We run agent fleets in production to build our own software, so we built this operating model because we needed it, not because it makes a tidy framework. The model is maybe 10% of a working setup. The other 90% is these five levers, and it's the same 90% five independent research teams just finished measuring from the other side.
If you've adopted AI and the results don't match the promise, the gap is the operating model, and that's exactly what we install. Book an assessment and we'll map which lever is costing you most.

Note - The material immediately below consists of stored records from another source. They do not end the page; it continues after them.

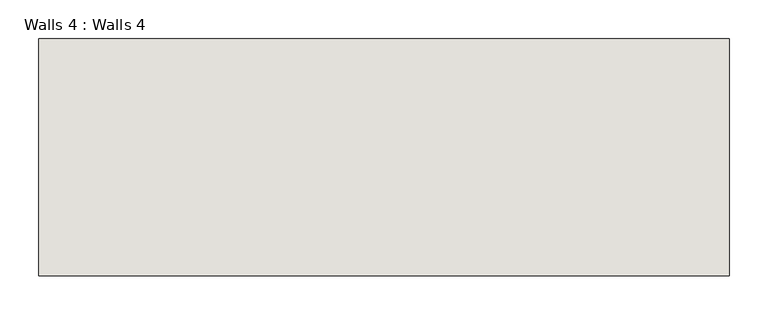
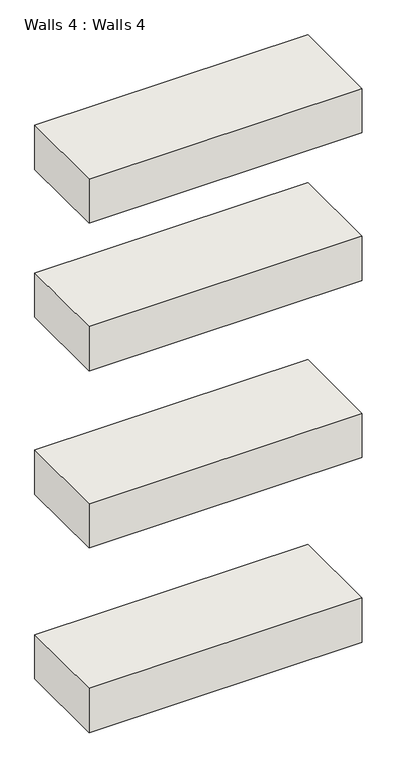
"""IFC4 building model written with IfcOpenShell, lengths in millimetres: wall geometry, Walls 4 : Walls 4."""

from ifc_helpers import new_model, si_unit, frame, origin, place, context, project, spatial, polyline, outline, extrude, source, transform, mapped, element, save


def walls_4_walls_4_61d7950c(model_context):
    return source(origin(), model_context, "Body", "SweptSolid", [
        extrude(outline(polyline([(-6445.0514478, 3656.1956099), (-7334.0514478, 3656.1956099), (-7334.0514478, 3960.9956099), (-6445.0514478, 3960.9956099), (-6445.0514478, 3656.1956099)])), frame((0.0, 0.0, 304.0861818), z_axis=(0.0, 0.0, 1.0), x_axis=(1.0, 0.0, 0.0)), (0.0, 0.0, 1.0), 152.4),
        extrude(outline(polyline([(-6445.0514478, 3656.1956099), (-7334.0514478, 3656.1956099), (-7334.0514478, 3960.9956099), (-6445.0514478, 3960.9956099), (-6445.0514478, 3656.1956099)])), frame((0.0, 0.0, 939.0861818), z_axis=(0.0, 0.0, 1.0), x_axis=(1.0, 0.0, 0.0)), (0.0, 0.0, 1.0), 152.4),
        extrude(outline(polyline([(-6445.0514478, 3656.1956099), (-7334.0514478, 3656.1956099), (-7334.0514478, 3960.9956099), (-6445.0514478, 3960.9956099), (-6445.0514478, 3656.1956099)])), frame((0.0, 0.0, 1548.6861818), z_axis=(0.0, 0.0, 1.0), x_axis=(1.0, 0.0, 0.0)), (0.0, 0.0, 1.0), 152.4),
        extrude(outline(polyline([(-6445.0514478, 3656.1956099), (-7334.0514478, 3656.1956099), (-7334.0514478, 3960.9956099), (-6445.0514478, 3960.9956099), (-6445.0514478, 3656.1956099)])), frame((0.0, 0.0, 2056.6861818), z_axis=(0.0, 0.0, 1.0), x_axis=(1.0, 0.0, 0.0)), (0.0, 0.0, 1.0), 152.4),
    ])


if __name__ == "__main__":
    model = new_model("IFC4")
    model_context = context("Model", 3, world=origin())
    ifc_project = project(units=[si_unit("LENGTHUNIT", "METRE", prefix="MILLI")], contexts=[model_context])
    site = spatial("IfcSite", under=ifc_project)
    building = spatial("IfcBuilding", under=site)
    placement = place(None, origin())
    walls_4_walls_4_shape = walls_4_walls_4_61d7950c(model_context)
    element("IfcWall", 1, ObjectType="Walls 4 : Walls 4", at=placement, inside=building, context=model_context, shape_type="MappedRepresentation", body=[
        mapped(walls_4_walls_4_shape, transform((0.0, 0.0, 0.0), x_axis=(1.0, 0.0, 0.0), y_axis=(0.0, 1.0, 0.0), z_axis=(0.0, 0.0, 1.0))),
    ])
    save(model, "model.ifc")

# Revit data of these elements
# Element 1 (IfcWall, "Walls 4 : Walls 4")
#   Materials on its faces: "Default Wall"
# Materials
#   "Default Wall": colour RGB 80 80 80, transparency 0

We score your team on all five levers and tell you which one to fix first.
Run it as an operating model, not a tool. Point AI at the right tasks, keep change sets small behind real review, measure outcomes over output, serve trusted context, and raise codebase quality. The independent research shows these five levers, not the model choice, decide whether AI helps or hurts.
What is an AI operating model?
The set of practices around the tool that determine its results: which work it does, how that work gets reviewed and shipped, what context it runs on, and how you measure it. The model writes code; the operating model decides whether that code makes your team faster or slower.
Why isn't a better model enough to get value from AI?
Because the studies that found AI slowing teams down used frontier models. The bottleneck wasn't intelligence; it was oversized batches, weak review, missing context, and messy codebases. A smarter model amplifies whatever operating model it lands in, good or bad.
How does a team start fixing its AI operating model?
Measure first. Look at PR size, rework rate, and where AI is pointed. Then fix the cheapest broken lever, usually batch size or context. A scoped assessment maps which of the five levers is costing you most before you invest in the others.